Кавказская армия под ударами 10, 2, 11, и 4-й Армий красных была отброшена к Югу, хотя с беспримерной доблестью и разбила, опираясь на укрепленную Царицынскую позицию, все 4-ре неприятельских Армии, но сама потеряла окончательно возможность начать новую наступательную операцию.

Отбросив к югу мою армию, противник стал спешно сосредоточивать свои силы для прикрытия Москвы и, перейдя в наступление против армии генерала Май-Маевского, растянувшейся на огромном фронте, лишенной резервов и плохо организованной, легко заставил ее начать отход.

В то время, когда Добровольцы победоносно двигались к сердцу России и слух Ваш уже улавливал перезвон московских колоколов, в сердца многих из Ваших помощников закрадывалась тревога. Армия, воспитываемая на произволе, грабежах и пьянстве, ведомая начальниками, примером своим совращая и войска, — такая армия не могла создать Россию.

Не имея организованного тыла, не подготовив в тылу ни одной укрепленной полосы, ни одного узла сопротивления и отходя по местности, где население научилось ее ненавидеть, Добровольческая армия стала безудержно катиться назад.
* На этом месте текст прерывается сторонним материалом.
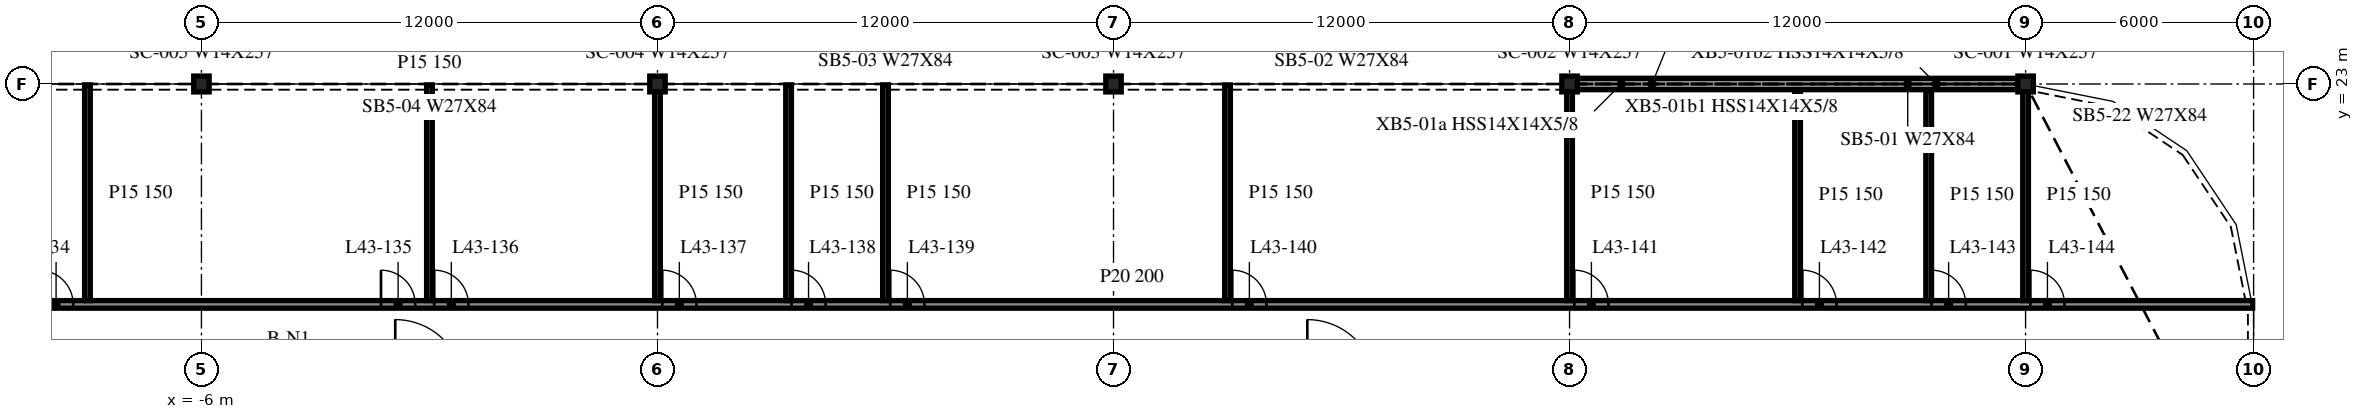
"""IFC4 building model, lengths in metres.
Left out: names, types, materials, properties, quantities, classifications, styles, units other than length and angle.
Written with IfcOpenShell. Run it as: python <this file> out.ifc"""

import sys

from ifc_helpers import new_model, si_unit, direction, frame, frame_2d, origin, origin_2d, place, context, subcontext, project, spatial, rectangle, i_section, extrude, element, fill, save


model = new_model("IFC4")
c1 = context("Model", 3, precision=1e-05, world=origin(), true_north=direction((0.0, 1.0)))
c2 = subcontext(c1, "Body", "Model", "MODEL_VIEW")
j1 = project(units=[si_unit("LENGTHUNIT", "METRE"), si_unit("PLANEANGLEUNIT", "RADIAN")], contexts=[c1])
p1 = place(None, origin())
s1 = spatial("IfcSite", under=j1, at=p1, CompositionType="ELEMENT")
p2 = place(p1, origin())
s2 = spatial("IfcBuilding", under=s1, at=p2, CompositionType="ELEMENT")
p3 = place(p2, frame((0.0, 0.0, 182.0)))
s3 = spatial("IfcBuildingStorey", under=s2, at=p3, CompositionType="ELEMENT", Elevation=182.0)
for number, where, z_axis, x_axis in (
    (1, (42.0, 23.0, -0.34), (0.0, 0.0, 1.0), (1.0, 0.0, 0.0)),
    (2, (30.0, 23.0, -0.34), (0.0, 0.0, 1.0), (1.0, 0.0, 0.0)),
    (3, (18.0, 23.0, -0.34), (0.0, 0.0, 1.0), (1.0, 0.0, 0.0)),
    (4, (6.0, 23.0, -0.34), (0.0, 0.0, 1.0), (1.0, 0.0, 0.0)),
    (5, (-6.0, 23.0, -0.34), (0.0, 0.0, 1.0), (1.0, 0.0, 0.0)),
):
    element("IfcColumn", number, at=place(p3, frame(where, z_axis=z_axis, x_axis=x_axis)), inside=s3, PredefinedType="COLUMN", context=c2, shape_type="SweptSolid", body=[
        extrude(i_section(OverallWidth=0.406, OverallDepth=0.417, WebThickness=0.03, FlangeThickness=0.048, at=origin_2d()), origin(), (0.0, 0.0, 1.0), 3.8),
    ])
p4 = place(p3, frame((41.985, 23.0, 0.0), z_axis=(0.0, 0.0, 1.0), x_axis=(-1.0, 0.0, 0.0)))
e6 = element("IfcWall", 6, at=p4, inside=s3, PredefinedType="NOTDEFINED", context=c2, shape_type="SweptSolid", body=[
    extrude(rectangle(XDim=11.97, YDim=0.3, at=frame_2d((5.985, 0.0))), origin(), (0.0, 0.0, 1.0), 2.782),
])
p5 = place(p3, frame((-47.975, 17.2, 0.0), z_axis=(0.0, 0.0, 1.0), x_axis=(1.0, 0.0, 0.0)))
e7 = element("IfcWall", 7, at=p5, inside=s3, PredefinedType="PARTITIONING", context=c2, shape_type="SweptSolid", body=[
    extrude(rectangle(XDim=95.95, YDim=0.2, at=frame_2d((47.975, 0.0))), origin(), (0.0, 0.0, 1.0), 3.46),
])
p6 = place(p5, frame((7.7, 0.0, 0.0)))
e8 = element("IfcOpeningElement", 8, at=p6, cuts=e7, PredefinedType="OPENING", context=c2, shape_type="SweptSolid", body=[
    extrude(rectangle(XDim=0.9, YDim=2.1, at=frame_2d((0.45, 1.05))), frame((0.0, 0.11, 0.0), z_axis=(0.0, -1.0, 0.0), x_axis=(1.0, 0.0, 0.0)), (0.0, 0.0, 1.0), 0.22),
])
p7 = place(p5, frame((16.7, 0.0, 0.0)))
e9 = element("IfcOpeningElement", 9, at=p7, cuts=e7, PredefinedType="OPENING", context=c2, shape_type="SweptSolid", body=[
    extrude(rectangle(XDim=0.9, YDim=2.1, at=frame_2d((0.45, 1.05))), frame((0.0, 0.11, 0.0), z_axis=(0.0, -1.0, 0.0), x_axis=(1.0, 0.0, 0.0)), (0.0, 0.0, 1.0), 0.22),
])
p8 = place(p5, frame((22.7, 0.0, 0.0)))
e10 = element("IfcOpeningElement", 10, at=p8, cuts=e7, PredefinedType="OPENING", context=c2, shape_type="SweptSolid", body=[
    extrude(rectangle(XDim=0.9, YDim=2.1, at=frame_2d((0.45, 1.05))), frame((0.0, 0.11, 0.0), z_axis=(0.0, -1.0, 0.0), x_axis=(1.0, 0.0, 0.0)), (0.0, 0.0, 1.0), 0.22),
])
p9 = place(p5, frame((26.1, 0.0, 0.0)))
e11 = element("IfcOpeningElement", 11, at=p9, cuts=e7, PredefinedType="OPENING", context=c2, shape_type="SweptSolid", body=[
    extrude(rectangle(XDim=0.9, YDim=2.1, at=frame_2d((0.45, 1.05))), frame((0.0, 0.11, 0.0), z_axis=(0.0, -1.0, 0.0), x_axis=(1.0, 0.0, 0.0)), (0.0, 0.0, 1.0), 0.22),
])
p10 = place(p5, frame((28.7, 0.0, 0.0)))
e12 = element("IfcOpeningElement", 12, at=p10, cuts=e7, PredefinedType="OPENING", context=c2, shape_type="SweptSolid", body=[
    extrude(rectangle(XDim=0.9, YDim=2.1, at=frame_2d((0.45, 1.05))), frame((0.0, 0.11, 0.0), z_axis=(0.0, -1.0, 0.0), x_axis=(1.0, 0.0, 0.0)), (0.0, 0.0, 1.0), 0.22),
])
p11 = place(p5, frame((37.7, 0.0, 0.0)))
e13 = element("IfcOpeningElement", 13, at=p11, cuts=e7, PredefinedType="OPENING", context=c2, shape_type="SweptSolid", body=[
    extrude(rectangle(XDim=0.9, YDim=2.1, at=frame_2d((0.45, 1.05))), frame((0.0, 0.11, 0.0), z_axis=(0.0, -1.0, 0.0), x_axis=(1.0, 0.0, 0.0)), (0.0, 0.0, 1.0), 0.22),
])
p12 = place(p5, frame((46.7, 0.0, 0.0)))
e14 = element("IfcOpeningElement", 14, at=p12, cuts=e7, PredefinedType="OPENING", context=c2, shape_type="SweptSolid", body=[
    extrude(rectangle(XDim=0.9, YDim=2.1, at=frame_2d((0.45, 1.05))), frame((0.0, 0.11, 0.0), z_axis=(0.0, -1.0, 0.0), x_axis=(1.0, 0.0, 0.0)), (0.0, 0.0, 1.0), 0.22),
])
p13 = place(p5, frame((48.1, 0.0, 0.0)))
e15 = element("IfcOpeningElement", 15, at=p13, cuts=e7, PredefinedType="OPENING", context=c2, shape_type="SweptSolid", body=[
    extrude(rectangle(XDim=0.9, YDim=2.1, at=frame_2d((0.45, 1.05))), frame((0.0, 0.11, 0.0), z_axis=(0.0, -1.0, 0.0), x_axis=(1.0, 0.0, 0.0)), (0.0, 0.0, 1.0), 0.22),
])
p14 = place(p5, frame((54.1, 0.0, 0.0)))
e16 = element("IfcOpeningElement", 16, at=p14, cuts=e7, PredefinedType="OPENING", context=c2, shape_type="SweptSolid", body=[
    extrude(rectangle(XDim=0.9, YDim=2.1, at=frame_2d((0.45, 1.05))), frame((0.0, 0.11, 0.0), z_axis=(0.0, -1.0, 0.0), x_axis=(1.0, 0.0, 0.0)), (0.0, 0.0, 1.0), 0.22),
])
p15 = place(p5, frame((57.5, 0.0, 0.0)))
e17 = element("IfcOpeningElement", 17, at=p15, cuts=e7, PredefinedType="OPENING", context=c2, shape_type="SweptSolid", body=[
    extrude(rectangle(XDim=0.9, YDim=2.1, at=frame_2d((0.45, 1.05))), frame((0.0, 0.11, 0.0), z_axis=(0.0, -1.0, 0.0), x_axis=(1.0, 0.0, 0.0)), (0.0, 0.0, 1.0), 0.22),
])
p16 = place(p5, frame((60.1, 0.0, 0.0)))
e18 = element("IfcOpeningElement", 18, at=p16, cuts=e7, PredefinedType="OPENING", context=c2, shape_type="SweptSolid", body=[
    extrude(rectangle(XDim=0.9, YDim=2.1, at=frame_2d((0.45, 1.05))), frame((0.0, 0.11, 0.0), z_axis=(0.0, -1.0, 0.0), x_axis=(1.0, 0.0, 0.0)), (0.0, 0.0, 1.0), 0.22),
])
p17 = place(p5, frame((69.1, 0.0, 0.0)))
e19 = element("IfcOpeningElement", 19, at=p17, cuts=e7, PredefinedType="OPENING", context=c2, shape_type="SweptSolid", body=[
    extrude(rectangle(XDim=0.9, YDim=2.1, at=frame_2d((0.45, 1.05))), frame((0.0, 0.11, 0.0), z_axis=(0.0, -1.0, 0.0), x_axis=(1.0, 0.0, 0.0)), (0.0, 0.0, 1.0), 0.22),
])
p18 = place(p5, frame((78.1, 0.0, 0.0)))
e20 = element("IfcOpeningElement", 20, at=p18, cuts=e7, PredefinedType="OPENING", context=c2, shape_type="SweptSolid", body=[
    extrude(rectangle(XDim=0.9, YDim=2.1, at=frame_2d((0.45, 1.05))), frame((0.0, 0.11, 0.0), z_axis=(0.0, -1.0, 0.0), x_axis=(1.0, 0.0, 0.0)), (0.0, 0.0, 1.0), 0.22),
])
p19 = place(p5, frame((84.1, 0.0, 0.0)))
e21 = element("IfcOpeningElement", 21, at=p19, cuts=e7, PredefinedType="OPENING", context=c2, shape_type="SweptSolid", body=[
    extrude(rectangle(XDim=0.9, YDim=2.1, at=frame_2d((0.45, 1.05))), frame((0.0, 0.11, 0.0), z_axis=(0.0, -1.0, 0.0), x_axis=(1.0, 0.0, 0.0)), (0.0, 0.0, 1.0), 0.22),
])
p20 = place(p5, frame((87.5, 0.0, 0.0)))
e22 = element("IfcOpeningElement", 22, at=p20, cuts=e7, PredefinedType="OPENING", context=c2, shape_type="SweptSolid", body=[
    extrude(rectangle(XDim=0.9, YDim=2.1, at=frame_2d((0.45, 1.05))), frame((0.0, 0.11, 0.0), z_axis=(0.0, -1.0, 0.0), x_axis=(1.0, 0.0, 0.0)), (0.0, 0.0, 1.0), 0.22),
])
p21 = place(p5, frame((90.1, 0.0, 0.0)))
e23 = element("IfcOpeningElement", 23, at=p21, cuts=e7, PredefinedType="OPENING", context=c2, shape_type="SweptSolid", body=[
    extrude(rectangle(XDim=0.9, YDim=2.1, at=frame_2d((0.45, 1.05))), frame((0.0, 0.11, 0.0), z_axis=(0.0, -1.0, 0.0), x_axis=(1.0, 0.0, 0.0)), (0.0, 0.0, 1.0), 0.22),
])
for number, where, z_axis, x_axis in (
    (24, (-9.0, 17.3, 0.0), (0.0, 0.0, 1.0), (0.0, 1.0, 0.0)),
    (25, (0.0, 17.3, 0.0), (0.0, 0.0, 1.0), (0.0, 1.0, 0.0)),
    (26, (6.0, 17.3, 0.0), (0.0, 0.0, 1.0), (0.0, 1.0, 0.0)),
    (27, (9.45, 17.3, 0.0), (0.0, 0.0, 1.0), (0.0, 1.0, 0.0)),
    (28, (12.0, 17.3, 0.0), (0.0, 0.0, 1.0), (0.0, 1.0, 0.0)),
    (29, (21.0, 17.3, 0.0), (0.0, 0.0, 1.0), (0.0, 1.0, 0.0)),
    (30, (30.0, 17.3, 0.0), (0.0, 0.0, 1.0), (0.0, 1.0, 0.0)),
):
    element("IfcWall", number, at=place(p3, frame(where, z_axis=z_axis, x_axis=x_axis)), inside=s3, PredefinedType="PARTITIONING", context=c2, shape_type="SweptSolid", body=[
        extrude(rectangle(XDim=5.675, YDim=0.15, at=frame_2d((2.837, 0.0))), origin(), (0.0, 0.0, 1.0), 3.46),
    ])
for number, where, z_axis, x_axis in (
    (31, (36.0, 17.3, 0.0), (0.0, 0.0, 1.0), (0.0, 1.0, 0.0)),
    (32, (39.45, 17.3, 0.0), (0.0, 0.0, 1.0), (0.0, 1.0, 0.0)),
):
    element("IfcWall", number, at=place(p3, frame(where, z_axis=z_axis, x_axis=x_axis)), inside=s3, PredefinedType="PARTITIONING", context=c2, shape_type="SweptSolid", body=[
        extrude(rectangle(XDim=5.55, YDim=0.15, at=frame_2d((2.775, 0.0))), origin(), (0.0, 0.0, 1.0), 3.46),
    ])
p22 = place(p3, frame((42.0, 17.3, 0.0), z_axis=(0.0, 0.0, 1.0), x_axis=(0.0, 1.0, 0.0)))
e33 = element("IfcWall", 33, at=p22, inside=s3, PredefinedType="PARTITIONING", context=c2, shape_type="SweptSolid", body=[
    extrude(rectangle(XDim=5.547, YDim=0.15, at=frame_2d((2.773, 0.0))), origin(), (0.0, 0.0, 1.0), 3.46),
])
p23 = place(p11, origin())
e34 = element("IfcDoor", 34, at=p23, inside=s3, OperationType="SINGLE_SWING_LEFT", PredefinedType="DOOR", context=c2, shape_type="SweptSolid", body=[
    extrude(rectangle(XDim=0.9, YDim=2.1, at=frame_2d((0.45, 1.05))), frame((0.0, 0.025, 0.0), z_axis=(0.0, -1.0, 0.0), x_axis=(1.0, 0.0, 0.0)), (0.0, 0.0, 1.0), 0.05),
])
fill(e13, e34)
p24 = place(p12, origin())
e35 = element("IfcDoor", 35, at=p24, inside=s3, OperationType="SINGLE_SWING_LEFT", PredefinedType="DOOR", context=c2, shape_type="SweptSolid", body=[
    extrude(rectangle(XDim=0.9, YDim=2.1, at=frame_2d((0.45, 1.05))), frame((0.0, 0.025, 0.0), z_axis=(0.0, -1.0, 0.0), x_axis=(1.0, 0.0, 0.0)), (0.0, 0.0, 1.0), 0.05),
])
fill(e14, e35)
p25 = place(p13, origin())
e36 = element("IfcDoor", 36, at=p25, inside=s3, OperationType="SINGLE_SWING_RIGHT", PredefinedType="DOOR", context=c2, shape_type="SweptSolid", body=[
    extrude(rectangle(XDim=0.9, YDim=2.1, at=frame_2d((0.45, 1.05))), frame((0.0, 0.025, 0.0), z_axis=(0.0, -1.0, 0.0), x_axis=(1.0, 0.0, 0.0)), (0.0, 0.0, 1.0), 0.05),
])
fill(e15, e36)
p26 = place(p14, origin())
e37 = element("IfcDoor", 37, at=p26, inside=s3, OperationType="SINGLE_SWING_RIGHT", PredefinedType="DOOR", context=c2, shape_type="SweptSolid", body=[
    extrude(rectangle(XDim=0.9, YDim=2.1, at=frame_2d((0.45, 1.05))), frame((0.0, 0.025, 0.0), z_axis=(0.0, -1.0, 0.0), x_axis=(1.0, 0.0, 0.0)), (0.0, 0.0, 1.0), 0.05),
])
fill(e16, e37)
p27 = place(p15, origin())
e38 = element("IfcDoor", 38, at=p27, inside=s3, OperationType="SINGLE_SWING_RIGHT", PredefinedType="DOOR", context=c2, shape_type="SweptSolid", body=[
    extrude(rectangle(XDim=0.9, YDim=2.1, at=frame_2d((0.45, 1.05))), frame((0.0, 0.025, 0.0), z_axis=(0.0, -1.0, 0.0), x_axis=(1.0, 0.0, 0.0)), (0.0, 0.0, 1.0), 0.05),
])
fill(e17, e38)
p28 = place(p16, origin())
e39 = element("IfcDoor", 39, at=p28, inside=s3, OperationType="SINGLE_SWING_RIGHT", PredefinedType="DOOR", context=c2, shape_type="SweptSolid", body=[
    extrude(rectangle(XDim=0.9, YDim=2.1, at=frame_2d((0.45, 1.05))), frame((0.0, 0.025, 0.0), z_axis=(0.0, -1.0, 0.0), x_axis=(1.0, 0.0, 0.0)), (0.0, 0.0, 1.0), 0.05),
])
fill(e18, e39)
p29 = place(p17, origin())
e40 = element("IfcDoor", 40, at=p29, inside=s3, OperationType="SINGLE_SWING_RIGHT", PredefinedType="DOOR", context=c2, shape_type="SweptSolid", body=[
    extrude(rectangle(XDim=0.9, YDim=2.1, at=frame_2d((0.45, 1.05))), frame((0.0, 0.025, 0.0), z_axis=(0.0, -1.0, 0.0), x_axis=(1.0, 0.0, 0.0)), (0.0, 0.0, 1.0), 0.05),
])
fill(e19, e40)
p30 = place(p18, origin())
e41 = element("IfcDoor", 41, at=p30, inside=s3, OperationType="SINGLE_SWING_RIGHT", PredefinedType="DOOR", context=c2, shape_type="SweptSolid", body=[
    extrude(rectangle(XDim=0.9, YDim=2.1, at=frame_2d((0.45, 1.05))), frame((0.0, 0.025, 0.0), z_axis=(0.0, -1.0, 0.0), x_axis=(1.0, 0.0, 0.0)), (0.0, 0.0, 1.0), 0.05),
])
fill(e20, e41)
p31 = place(p19, origin())
e42 = element("IfcDoor", 42, at=p31, inside=s3, OperationType="SINGLE_SWING_RIGHT", PredefinedType="DOOR", context=c2, shape_type="SweptSolid", body=[
    extrude(rectangle(XDim=0.9, YDim=2.1, at=frame_2d((0.45, 1.05))), frame((0.0, 0.025, 0.0), z_axis=(0.0, -1.0, 0.0), x_axis=(1.0, 0.0, 0.0)), (0.0, 0.0, 1.0), 0.05),
])
fill(e21, e42)
p32 = place(p20, origin())
e43 = element("IfcDoor", 43, at=p32, inside=s3, OperationType="SINGLE_SWING_RIGHT", PredefinedType="DOOR", context=c2, shape_type="SweptSolid", body=[
    extrude(rectangle(XDim=0.9, YDim=2.1, at=frame_2d((0.45, 1.05))), frame((0.0, 0.025, 0.0), z_axis=(0.0, -1.0, 0.0), x_axis=(1.0, 0.0, 0.0)), (0.0, 0.0, 1.0), 0.05),
])
fill(e22, e43)
p33 = place(p21, origin())
e44 = element("IfcDoor", 44, at=p33, inside=s3, OperationType="SINGLE_SWING_RIGHT", PredefinedType="DOOR", context=c2, shape_type="SweptSolid", body=[
    extrude(rectangle(XDim=0.9, YDim=2.1, at=frame_2d((0.45, 1.05))), frame((0.0, 0.025, 0.0), z_axis=(0.0, -1.0, 0.0), x_axis=(1.0, 0.0, 0.0)), (0.0, 0.0, 1.0), 0.05),
])
fill(e23, e44)
save(model, sys.argv[1])

По мере того как развивался успех противника и обнаруживалась несостоятельность Вашей стратегии и Вашей политики, русское общество стало прозревать. Все громче и громче стали раздаваться голоса, требующие смены некоторых лиц командного состава, предосудительное поведение которых стало достоянием общества, и назывались имена начальников, имя которых среди общего падения генералов оставалось незапятнанным.

Отравленный ядом честолюбия, вкусивший власти, окруженный бесчестными льстецами, Вы уже думали не о спасении Отечества, а лишь о сохранении власти.

17 октября генерал Романовский телеграммой запросил меня, какие силы мог бы я выдвинуть из состава Кавказской армии на помощь Добровольческой. Я телеграммою от 18-го октября за № 03533 ответил, что «при малочисленности конной дивизии — переброской 1—2 дивизий дела не решить». Остающиеся части Кавказской Армии, ввиду их малочисленности, я предлагал свести в отдельный корпус, оставив во главе его генерала Покровского.

Стратегическое решение напрашивалось само собою — объединение сосредоточенных в районе Купянска 4-го Донского, 3-го Конного корпусов, Терской отдельной Донской дивизии с вновь перебрасываемыми тремя с половиной кубанскими дивизиями и использование для управления конной массой штаба Кавказской армии. На этом решении настаивали все три командующих армиями, в том числе и генерал Май-Маевский, но в желании старших военачальников, армии и общества видеть меня во главе войск, действующих на главнейшем направлении Вы уже видели для себя новую опасность. Еще при взятии Царицына, когда бывший все время начальником штаба моей армии генерал Юзефович предложил сосредоточить в районе Харькова крупные массы конницы, объединив их под моим начальством, Вы на совещании высказали достойное Вас предположение, что мы стремимся «первыми войти в Москву». Теперь падение обаяния Вашего имени Вы видели не в Ваших ошибках, а в непостоянстве толпы, нашедшей себе нового кумира. Из Кавказской армии были взяты только две дивизии, и, хотя впоследствии сама обстановка вынудила Вас перебросить все три с половиной дивизии, но время было упущено безвозвратно, и вводимые в бой по частям войска терпели поочередно поражение. Еще 21 ноябри Вы, в ответ на мои повторные настояния, писали мне, что после детального обсуждения «отказываетесь от предложенной мною перегруппировки, а через 10 дней, когда выяснилась уже потеря Харькова и неизбежный отход в Донецкий бассейн, Вы телеграммой вызвали меня для нового назначения, «принятия Добровольческой армии с подчинением мне конной группы». Об оказании серьезного сопротивления противнику думать уже не приходилось, единственное, что еще можно было сделать,— это попытаться вывести армию из-под удара, вывести армию и, отведя ее на соединение с Донской армией, прикрыть Ростовское направление. Я это сделал после тягчайшего 550-верстного флангового марша.